Por Pepe Escobar
A primeira coletiva de imprensa do Taleban após o terremoto geopolítico do momento Saigon no fim de semana, conduzida pelo porta-voz Zabihullah Mujahid, foi em si mesma uma virada de jogo.
O contraste não poderia ser maior com aqueles incautos pressuristas na embaixada do Taleban em Islamabad depois do 11 de setembro e antes do início do bombardeio americano – provando que se trata de um animal político inteiramente novo.
No entanto, algumas coisas nunca mudam. As traduções para o inglês continuam atrozes.

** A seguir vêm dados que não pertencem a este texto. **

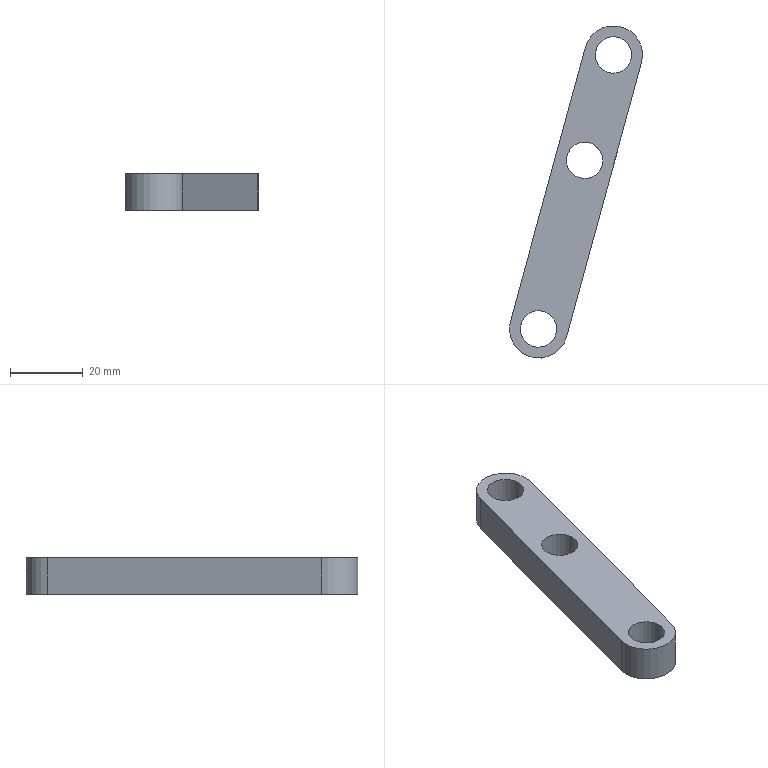Component | SolidWorks | ARocker-2 | 1 solid | 13 faces | box 36.56 x 91.24 x 10 mm | volume 12134 mm3 | cylinder 9 | plane 4 | commonest cylinder face diameters 10 x6 16 x3
build123d program:
from build123d import *

# Parameters (mm, degrees)
SKETCH1_R           = 5
BOSS_EXTRUDE1_DEPTH = 10


with BuildPart() as part:
    # Sketch1 → Boss-Extrude1 (new body)
    with BuildSketch(Plane.XY):
        with BuildLine():
            Line((-11.233, -5.015), (-60.126, 55.759))
            ThreePointArc((-60.126, 55.759), (-58.908, 67.007), (-47.66, 65.788))
            Line((-47.66, 65.788), (1.233, 5.015))
            ThreePointArc((1.233, 5.015), (0.01469, -6.233), (-11.233, -5.015))
        make_face()
        with Locations((-5, 0)):
            Circle(SKETCH1_R, mode=Mode.SUBTRACT)
        with Locations((-53.893, 60.774)):
            Circle(SKETCH1_R, mode=Mode.SUBTRACT)
        with Locations((-35.088, 37.399)):
            Circle(SKETCH1_R, mode=Mode.SUBTRACT)
    extrude(amount=BOSS_EXTRUDE1_DEPTH)


solid = part.part

# Placed as in the assembly
solid = solid.moved(Location((-69.375, -101.344, 137.182), (180, 0, 156.465)))
STEP:
#1=CARTESIAN_POINT('',(-2.168,-1.929,5.401));
#2=VERTEX_POINT('',#1);
#3=CARTESIAN_POINT('',(-1.937,-2.248,5.401));
#4=VERTEX_POINT('',#3);
#5=CARTESIAN_POINT('',(-2.053,-2.088,5.401));
#6=DIRECTION('',(-0.,0.,1.));
#7=DIRECTION('',(0.5864,-0.81,0.));
#8=AXIS2_PLACEMENT_3D('',#5,#6,#7);
#9=CIRCLE('',#8,0.1969);
#10=EDGE_CURVE('',#2,#4,#9,.T.);
#11=ORIENTED_EDGE('',*,*,#10,.T.);
#12=CARTESIAN_POINT('',(-1.937,-2.248,5.007));
#13=VERTEX_POINT('',#12);
#14=CARTESIAN_POINT('',(-1.937,-2.248,5.401));
#15=DIRECTION('',(0.,-0.,-1.));
#16=VECTOR('',#15,39.37);
#17=LINE('',#14,#16);
#18=EDGE_CURVE('',#4,#13,#17,.T.);
#19=ORIENTED_EDGE('',*,*,#18,.T.);
#20=CARTESIAN_POINT('',(-2.168,-1.929,5.007));
#21=VERTEX_POINT('',#20);
#22=CARTESIAN_POINT('',(-2.053,-2.088,5.007));
#23=DIRECTION('',(-0.,0.,1.));
#24=DIRECTION('',(0.5864,-0.81,0.));
#25=AXIS2_PLACEMENT_3D('',#22,#23,#24);
#26=CIRCLE('',#25,0.1969);
#27=EDGE_CURVE('',#21,#13,#26,.T.);
#28=ORIENTED_EDGE('',*,*,#27,.F.);
#29=CARTESIAN_POINT('',(-2.168,-1.929,5.401));
#30=DIRECTION('',(0.,-0.,-1.));
#31=VECTOR('',#30,39.37);
#32=LINE('',#29,#31);
#33=EDGE_CURVE('',#2,#21,#32,.T.);
#34=ORIENTED_EDGE('',*,*,#33,.F.);
#35=EDGE_LOOP('',(#11,#19,#28,#34));
#36=FACE_OUTER_BOUND('',#35,.T.);
#37=CARTESIAN_POINT('',(-2.053,-2.088,5.401));
#38=DIRECTION('',(0.,-0.,-1.));
#39=DIRECTION('',(-0.5864,0.81,0.));
#40=AXIS2_PLACEMENT_3D('',#37,#38,#39);
#41=CYLINDRICAL_SURFACE('',#40,0.1969);
#42=ADVANCED_FACE('',(#36),#41,.F.);
#43=CARTESIAN_POINT('',(-1.857,-0.7896,5.401));
#44=VERTEX_POINT('',#43);
#45=CARTESIAN_POINT('',(-1.626,-1.108,5.401));
#46=VERTEX_POINT('',#45);
#47=CARTESIAN_POINT('',(-1.741,-0.949,5.401));
#48=DIRECTION('',(-0.,0.,1.));
#49=DIRECTION('',(0.5864,-0.81,0.));
#50=AXIS2_PLACEMENT_3D('',#47,#48,#49);
#51=CIRCLE('',#50,0.1969);
#52=EDGE_CURVE('',#44,#46,#51,.T.);
#53=ORIENTED_EDGE('',*,*,#52,.T.);
#54=CARTESIAN_POINT('',(-1.626,-1.108,5.007));
#55=VERTEX_POINT('',#54);
#56=CARTESIAN_POINT('',(-1.626,-1.108,5.401));
#57=DIRECTION('',(0.,-0.,-1.));
#58=VECTOR('',#57,39.37);
#59=LINE('',#56,#58);
#60=EDGE_CURVE('',#46,#55,#59,.T.);
#61=ORIENTED_EDGE('',*,*,#60,.T.);
#62=CARTESIAN_POINT('',(-1.857,-0.7896,5.007));
#63=VERTEX_POINT('',#62);
#64=CARTESIAN_POINT('',(-1.741,-0.949,5.007));
#65=DIRECTION('',(-0.,0.,1.));
#66=DIRECTION('',(0.5864,-0.81,0.));
#67=AXIS2_PLACEMENT_3D('',#64,#65,#66);
#68=CIRCLE('',#67,0.1969);
#69=EDGE_CURVE('',#63,#55,#68,.T.);
#70=ORIENTED_EDGE('',*,*,#69,.F.);
#71=CARTESIAN_POINT('',(-1.857,-0.7896,5.401));
#72=DIRECTION('',(0.,-0.,-1.));
#73=VECTOR('',#72,39.37);
#74=LINE('',#71,#73);
#75=EDGE_CURVE('',#44,#63,#74,.T.);
#76=ORIENTED_EDGE('',*,*,#75,.F.);
#77=EDGE_LOOP('',(#53,#61,#70,#76));
#78=FACE_OUTER_BOUND('',#77,.T.);
#79=CARTESIAN_POINT('',(-1.741,-0.949,5.401));
#80=DIRECTION('',(0.,-0.,-1.));
#81=DIRECTION('',(-0.5864,0.81,0.));
#82=AXIS2_PLACEMENT_3D('',#79,#80,#81);
#83=CYLINDRICAL_SURFACE('',#82,0.1969);
#84=ADVANCED_FACE('',(#78),#83,.F.);
#85=CARTESIAN_POINT('',(-2.666,-3.752,5.401));
#86=VERTEX_POINT('',#85);
#87=CARTESIAN_POINT('',(-2.435,-4.071,5.401));
#88=VERTEX_POINT('',#87);
#89=CARTESIAN_POINT('',(-2.551,-3.911,5.401));
#90=DIRECTION('',(-0.,0.,1.));
#91=DIRECTION('',(0.5864,-0.81,0.));
#92=AXIS2_PLACEMENT_3D('',#89,#90,#91);
#93=CIRCLE('',#92,0.1969);
#94=EDGE_CURVE('',#86,#88,#93,.T.);
#95=ORIENTED_EDGE('',*,*,#94,.T.);
#96=CARTESIAN_POINT('',(-2.435,-4.071,5.007));
#97=VERTEX_POINT('',#96);
#98=CARTESIAN_POINT('',(-2.435,-4.071,5.401));
#99=DIRECTION('',(0.,-0.,-1.));
#100=VECTOR('',#99,39.37);
#101=LINE('',#98,#100);
#102=EDGE_CURVE('',#88,#97,#101,.T.);
#103=ORIENTED_EDGE('',*,*,#102,.T.);
#104=CARTESIAN_POINT('',(-2.666,-3.752,5.007));
#105=VERTEX_POINT('',#104);
#106=CARTESIAN_POINT('',(-2.551,-3.911,5.007));
#107=DIRECTION('',(-0.,0.,1.));
#108=DIRECTION('',(0.5864,-0.81,0.));
#109=AXIS2_PLACEMENT_3D('',#106,#107,#108);
#110=CIRCLE('',#109,0.1969);
#111=EDGE_CURVE('',#105,#97,#110,.T.);
#112=ORIENTED_EDGE('',*,*,#111,.F.);
#113=CARTESIAN_POINT('',(-2.666,-3.752,5.401));
#114=DIRECTION('',(0.,-0.,-1.));
#115=VECTOR('',#114,39.37);
#116=LINE('',#113,#115);
#117=EDGE_CURVE('',#86,#105,#116,.T.);
#118=ORIENTED_EDGE('',*,*,#117,.F.);
#119=EDGE_LOOP('',(#95,#103,#112,#118));
#120=FACE_OUTER_BOUND('',#119,.T.);
#121=CARTESIAN_POINT('',(-2.551,-3.911,5.401));
#122=DIRECTION('',(0.,-0.,-1.));
#123=DIRECTION('',(-0.5864,0.81,0.));
#124=AXIS2_PLACEMENT_3D('',#121,#122,#123);
#125=CYLINDRICAL_SURFACE('',#124,0.1969);
#126=ADVANCED_FACE('',(#120),#125,.F.);
#127=CARTESIAN_POINT('',(-1.926,-0.6939,5.401));
#128=VERTEX_POINT('',#127);
#129=CARTESIAN_POINT('',(-2.045,-0.866,5.401));
#130=VERTEX_POINT('',#129);
#131=CARTESIAN_POINT('',(-1.741,-0.949,5.401));
#132=DIRECTION('',(-0.,0.,1.));
#133=DIRECTION('',(0.5864,-0.81,0.));
#134=AXIS2_PLACEMENT_3D('',#131,#132,#133);
#135=CIRCLE('',#134,0.315);
#136=EDGE_CURVE('',#128,#130,#135,.T.);
#137=ORIENTED_EDGE('',*,*,#136,.F.);
#138=CARTESIAN_POINT('',(-1.926,-0.6939,5.007));
#139=VERTEX_POINT('',#138);
#140=CARTESIAN_POINT('',(-1.926,-0.6939,5.401));
#141=DIRECTION('',(0.,-0.,-1.));
#142=VECTOR('',#141,39.37);
#143=LINE('',#140,#142);
#144=EDGE_CURVE('',#128,#139,#143,.T.);
#145=ORIENTED_EDGE('',*,*,#144,.T.);
#146=CARTESIAN_POINT('',(-2.045,-0.866,5.007));
#147=VERTEX_POINT('',#146);
#148=CARTESIAN_POINT('',(-1.741,-0.949,5.007));
#149=DIRECTION('',(-0.,0.,1.));
#150=DIRECTION('',(0.5864,-0.81,0.));
#151=AXIS2_PLACEMENT_3D('',#148,#149,#150);
#152=CIRCLE('',#151,0.315);
#153=EDGE_CURVE('',#139,#147,#152,.T.);
#154=ORIENTED_EDGE('',*,*,#153,.T.);
#155=CARTESIAN_POINT('',(-2.045,-0.866,5.401));
#156=DIRECTION('',(0.,-0.,-1.));
#157=VECTOR('',#156,39.37);
#158=LINE('',#155,#157);
#159=EDGE_CURVE('',#130,#147,#158,.T.);
#160=ORIENTED_EDGE('',*,*,#159,.F.);
#161=EDGE_LOOP('',(#137,#145,#154,#160));
#162=FACE_OUTER_BOUND('',#161,.T.);
#163=CARTESIAN_POINT('',(-1.741,-0.949,5.401));
#164=DIRECTION('',(0.,-0.,-1.));
#165=DIRECTION('',(-0.5864,0.81,0.));
#166=AXIS2_PLACEMENT_3D('',#163,#164,#165);
#167=CYLINDRICAL_SURFACE('',#166,0.315);
#168=ADVANCED_FACE('',(#162),#167,.T.);
#169=ORIENTED_EDGE('',*,*,#52,.F.);
#170=CARTESIAN_POINT('',(-1.741,-0.949,5.401));
#171=DIRECTION('',(-0.,0.,1.));
#172=DIRECTION('',(0.5864,-0.81,0.));
#173=AXIS2_PLACEMENT_3D('',#170,#171,#172);
#174=CIRCLE('',#173,0.1969);
#175=EDGE_CURVE('',#46,#44,#174,.T.);
#176=ORIENTED_EDGE('',*,*,#175,.F.);
#177=EDGE_LOOP('',(#169,#176));
#178=FACE_BOUND('',#177,.T.);
#179=CARTESIAN_POINT('',(-2.855,-3.828,5.401));
#180=VERTEX_POINT('',#179);
#181=CARTESIAN_POINT('',(-2.247,-3.994,5.401));
#182=VERTEX_POINT('',#181);
#183=CARTESIAN_POINT('',(-2.551,-3.911,5.401));
#184=DIRECTION('',(-0.,0.,1.));
#185=DIRECTION('',(0.5864,-0.81,0.));
#186=AXIS2_PLACEMENT_3D('',#183,#184,#185);
#187=CIRCLE('',#186,0.315);
#188=EDGE_CURVE('',#180,#182,#187,.T.);
#189=ORIENTED_EDGE('',*,*,#188,.T.);
#190=CARTESIAN_POINT('',(-1.438,-1.032,5.401));
#191=VERTEX_POINT('',#190);
#192=CARTESIAN_POINT('',(-2.247,-3.994,5.401));
#193=DIRECTION('',(0.2636,0.9646,-0.));
#194=VECTOR('',#193,39.37);
#195=LINE('',#192,#194);
#196=EDGE_CURVE('',#182,#191,#195,.T.);
#197=ORIENTED_EDGE('',*,*,#196,.T.);
#198=CARTESIAN_POINT('',(-1.741,-0.949,5.401));
#199=DIRECTION('',(-0.,0.,1.));
#200=DIRECTION('',(0.5864,-0.81,0.));
#201=AXIS2_PLACEMENT_3D('',#198,#199,#200);
#202=CIRCLE('',#201,0.315);
#203=EDGE_CURVE('',#191,#128,#202,.T.);
#204=ORIENTED_EDGE('',*,*,#203,.T.);
#205=ORIENTED_EDGE('',*,*,#136,.T.);
#206=CARTESIAN_POINT('',(-2.855,-3.828,5.401));
#207=DIRECTION('',(-0.2636,-0.9646,0.));
#208=VECTOR('',#207,39.37);
#209=LINE('',#206,#208);
#210=EDGE_CURVE('',#130,#180,#209,.T.);
#211=ORIENTED_EDGE('',*,*,#210,.T.);
#212=EDGE_LOOP('',(#189,#197,#204,#205,#211));
#213=FACE_OUTER_BOUND('',#212,.T.);
#214=ORIENTED_EDGE('',*,*,#94,.F.);
#215=CARTESIAN_POINT('',(-2.551,-3.911,5.401));
#216=DIRECTION('',(-0.,0.,1.));
#217=DIRECTION('',(0.5864,-0.81,0.));
#218=AXIS2_PLACEMENT_3D('',#215,#216,#217);
#219=CIRCLE('',#218,0.1969);
#220=EDGE_CURVE('',#88,#86,#219,.T.);
#221=ORIENTED_EDGE('',*,*,#220,.F.);
#222=EDGE_LOOP('',(#214,#221));
#223=FACE_BOUND('',#222,.T.);
#224=ORIENTED_EDGE('',*,*,#10,.F.);
#225=CARTESIAN_POINT('',(-2.053,-2.088,5.401));
#226=DIRECTION('',(-0.,0.,1.));
#227=DIRECTION('',(0.5864,-0.81,0.));
#228=AXIS2_PLACEMENT_3D('',#225,#226,#227);
#229=CIRCLE('',#228,0.1969);
#230=EDGE_CURVE('',#4,#2,#229,.T.);
#231=ORIENTED_EDGE('',*,*,#230,.F.);
#232=EDGE_LOOP('',(#224,#231));
#233=FACE_BOUND('',#232,.T.);
#234=CARTESIAN_POINT('',(-2.551,-3.911,5.401));
#235=DIRECTION('',(-0.,0.,1.));
#236=DIRECTION('',(0.5864,-0.81,0.));
#237=AXIS2_PLACEMENT_3D('',#234,#235,#236);
#238=PLANE('',#237);
#239=ADVANCED_FACE('',(#178,#213,#223,#233),#238,.T.);
#240=CARTESIAN_POINT('',(-2.855,-3.828,5.007));
#241=VERTEX_POINT('',#240);
#242=CARTESIAN_POINT('',(-2.247,-3.994,5.007));
#243=VERTEX_POINT('',#242);
#244=CARTESIAN_POINT('',(-2.551,-3.911,5.007));
#245=DIRECTION('',(-0.,0.,1.));
#246=DIRECTION('',(0.5864,-0.81,0.));
#247=AXIS2_PLACEMENT_3D('',#244,#245,#246);
#248=CIRCLE('',#247,0.315);
#249=EDGE_CURVE('',#241,#243,#248,.T.);
#250=ORIENTED_EDGE('',*,*,#249,.F.);
#251=CARTESIAN_POINT('',(-2.855,-3.828,5.007));
#252=DIRECTION('',(-0.2636,-0.9646,0.));
#253=VECTOR('',#252,39.37);
#254=LINE('',#251,#253);
#255=EDGE_CURVE('',#147,#241,#254,.T.);
#256=ORIENTED_EDGE('',*,*,#255,.F.);
#257=ORIENTED_EDGE('',*,*,#153,.F.);
#258=CARTESIAN_POINT('',(-1.438,-1.032,5.007));
#259=VERTEX_POINT('',#258);
#260=CARTESIAN_POINT('',(-1.741,-0.949,5.007));
#261=DIRECTION('',(-0.,0.,1.));
#262=DIRECTION('',(0.5864,-0.81,0.));
#263=AXIS2_PLACEMENT_3D('',#260,#261,#262);
#264=CIRCLE('',#263,0.315);
#265=EDGE_CURVE('',#259,#139,#264,.T.);
#266=ORIENTED_EDGE('',*,*,#265,.F.);
#267=CARTESIAN_POINT('',(-2.247,-3.994,5.007));
#268=DIRECTION('',(0.2636,0.9646,-0.));
#269=VECTOR('',#268,39.37);
#270=LINE('',#267,#269);
#271=EDGE_CURVE('',#243,#259,#270,.T.);
#272=ORIENTED_EDGE('',*,*,#271,.F.);
#273=EDGE_LOOP('',(#250,#256,#257,#266,#272));
#274=FACE_OUTER_BOUND('',#273,.T.);
#275=ORIENTED_EDGE('',*,*,#111,.T.);
#276=CARTESIAN_POINT('',(-2.551,-3.911,5.007));
#277=DIRECTION('',(-0.,0.,1.));
#278=DIRECTION('',(0.5864,-0.81,0.));
#279=AXIS2_PLACEMENT_3D('',#276,#277,#278);
#280=CIRCLE('',#279,0.1969);
#281=EDGE_CURVE('',#97,#105,#280,.T.);
#282=ORIENTED_EDGE('',*,*,#281,.T.);
#283=EDGE_LOOP('',(#275,#282));
#284=FACE_BOUND('',#283,.T.);
#285=ORIENTED_EDGE('',*,*,#69,.T.);
#286=CARTESIAN_POINT('',(-1.741,-0.949,5.007));
#287=DIRECTION('',(-0.,0.,1.));
#288=DIRECTION('',(0.5864,-0.81,0.));
#289=AXIS2_PLACEMENT_3D('',#286,#287,#288);
#290=CIRCLE('',#289,0.1969);
#291=EDGE_CURVE('',#55,#63,#290,.T.);
#292=ORIENTED_EDGE('',*,*,#291,.T.);
#293=EDGE_LOOP('',(#285,#292));
#294=FACE_BOUND('',#293,.T.);
#295=ORIENTED_EDGE('',*,*,#27,.T.);
#296=CARTESIAN_POINT('',(-2.053,-2.088,5.007));
#297=DIRECTION('',(-0.,0.,1.));
#298=DIRECTION('',(0.5864,-0.81,0.));
#299=AXIS2_PLACEMENT_3D('',#296,#297,#298);
#300=CIRCLE('',#299,0.1969);
#301=EDGE_CURVE('',#13,#21,#300,.T.);
#302=ORIENTED_EDGE('',*,*,#301,.T.);
#303=EDGE_LOOP('',(#295,#302));
#304=FACE_BOUND('',#303,.T.);
#305=CARTESIAN_POINT('',(-2.551,-3.911,5.007));
#306=DIRECTION('',(-0.,0.,1.));
#307=DIRECTION('',(0.5864,-0.81,0.));
#308=AXIS2_PLACEMENT_3D('',#305,#306,#307);
#309=PLANE('',#308);
#310=ADVANCED_FACE('',(#274,#284,#294,#304),#309,.F.);
#311=ORIENTED_EDGE('',*,*,#249,.T.);
#312=CARTESIAN_POINT('',(-2.247,-3.994,5.401));
#313=DIRECTION('',(0.,-0.,-1.));
#314=VECTOR('',#313,39.37);
#315=LINE('',#312,#314);
#316=EDGE_CURVE('',#182,#243,#315,.T.);
#317=ORIENTED_EDGE('',*,*,#316,.F.);
#318=ORIENTED_EDGE('',*,*,#188,.F.);
#319=CARTESIAN_POINT('',(-2.855,-3.828,5.401));
#320=DIRECTION('',(0.,-0.,-1.));
#321=VECTOR('',#320,39.37);
#322=LINE('',#319,#321);
#323=EDGE_CURVE('',#180,#241,#322,.T.);
#324=ORIENTED_EDGE('',*,*,#323,.T.);
#325=EDGE_LOOP('',(#311,#317,#318,#324));
#326=FACE_OUTER_BOUND('',#325,.T.);
#327=CARTESIAN_POINT('',(-2.551,-3.911,5.401));
#328=DIRECTION('',(0.,-0.,-1.));
#329=DIRECTION('',(-0.5864,0.81,0.));
#330=AXIS2_PLACEMENT_3D('',#327,#328,#329);
#331=CYLINDRICAL_SURFACE('',#330,0.315);
#332=ADVANCED_FACE('',(#326),#331,.T.);
#333=ORIENTED_EDGE('',*,*,#271,.T.);
#334=CARTESIAN_POINT('',(-1.438,-1.032,5.401));
#335=DIRECTION('',(0.,-0.,-1.));
#336=VECTOR('',#335,39.37);
#337=LINE('',#334,#336);
#338=EDGE_CURVE('',#191,#259,#337,.T.);
#339=ORIENTED_EDGE('',*,*,#338,.F.);
#340=ORIENTED_EDGE('',*,*,#196,.F.);
#341=ORIENTED_EDGE('',*,*,#316,.T.);
#342=EDGE_LOOP('',(#333,#339,#340,#341));
#343=FACE_OUTER_BOUND('',#342,.T.);
#344=CARTESIAN_POINT('',(-2.247,-3.994,5.401));
#345=DIRECTION('',(-0.9646,0.2636,-0.));
#346=DIRECTION('',(-0.2636,-0.9646,0.));
#347=AXIS2_PLACEMENT_3D('',#344,#345,#346);
#348=PLANE('',#347);
#349=ADVANCED_FACE('',(#343),#348,.F.);
#350=ORIENTED_EDGE('',*,*,#144,.F.);
#351=ORIENTED_EDGE('',*,*,#203,.F.);
#352=ORIENTED_EDGE('',*,*,#338,.T.);
#353=ORIENTED_EDGE('',*,*,#265,.T.);
#354=EDGE_LOOP('',(#350,#351,#352,#353));
#355=FACE_OUTER_BOUND('',#354,.T.);
#356=CARTESIAN_POINT('',(-1.741,-0.949,5.401));
#357=DIRECTION('',(0.,-0.,-1.));
#358=DIRECTION('',(-0.5864,0.81,0.));
#359=AXIS2_PLACEMENT_3D('',#356,#357,#358);
#360=CYLINDRICAL_SURFACE('',#359,0.315);
#361=ADVANCED_FACE('',(#355),#360,.T.);
#362=ORIENTED_EDGE('',*,*,#255,.T.);
#363=ORIENTED_EDGE('',*,*,#323,.F.);
#364=ORIENTED_EDGE('',*,*,#210,.F.);
#365=ORIENTED_EDGE('',*,*,#159,.T.);
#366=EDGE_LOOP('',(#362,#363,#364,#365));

Estes são os principais pontos.
- Não há problema para as mulheres estudarem até a faculdade e continuarem a trabalhar. Eles só precisam usar o hijab (como no Qatar ou no Irã). Não há necessidade de usar burca. O Taleban insiste, “todos os direitos das mulheres serão garantidos dentro dos limites da lei islâmica”.
- O Emirado Islâmico “não ameaça ninguém” e não tratará ninguém como inimigo. Crucialmente, a vingança – uma plataforma essencial do código Pashtunwali – será abandonada, e isso é sem precedentes. Haverá uma anistia geral – incluindo pessoas que trabalharam para o antigo sistema alinhado pela OTAN. Os tradutores, por exemplo, não serão incomodados e não precisam sair do país.
- A segurança de embaixadas estrangeiras e organizações internacionais “é uma prioridade”. As forças especiais de segurança do Taleban protegerão tanto aqueles que deixam o Afeganistão quanto aqueles que permanecem.
- Um forte governo islâmico inclusivo será formado. “Inclusivo” é um código para a participação de mulheres e xiitas.
- A mídia estrangeira continuará a trabalhar sem ser perturbada. O governo do Taleban permitirá críticas e debates públicos. Mas “a liberdade de expressão no Afeganistão deve estar de acordo com os valores islâmicos”.
- O Emirado Islâmico do Talibã quer o reconhecimento da “comunidade internacional” – código da OTAN. A esmagadora maioria da Eurásia e do Sul Global o reconhecerá de qualquer maneira. É essencial observar, por exemplo, a integração mais estreita da SCO em expansão – o Irã está prestes a se tornar um membro pleno, o Afeganistão é um observador – com a ASEAN: a maioria absoluta da Ásia não evitará o Taleban.
Para registro, eles também afirmaram que o Taleban conquistou todo o Afeganistão em apenas 11 dias: isso é bastante preciso. Eles enfatizaram “relações muito boas com o Paquistão, a Rússia e a China”. No entanto, o Taleban não tem aliados formais e não faz parte de nenhum bloco político-militar. Eles definitivamente “não permitirão que o Afeganistão se torne um refúgio seguro para terroristas internacionais”. Esse é o código para ISIS / Daesh.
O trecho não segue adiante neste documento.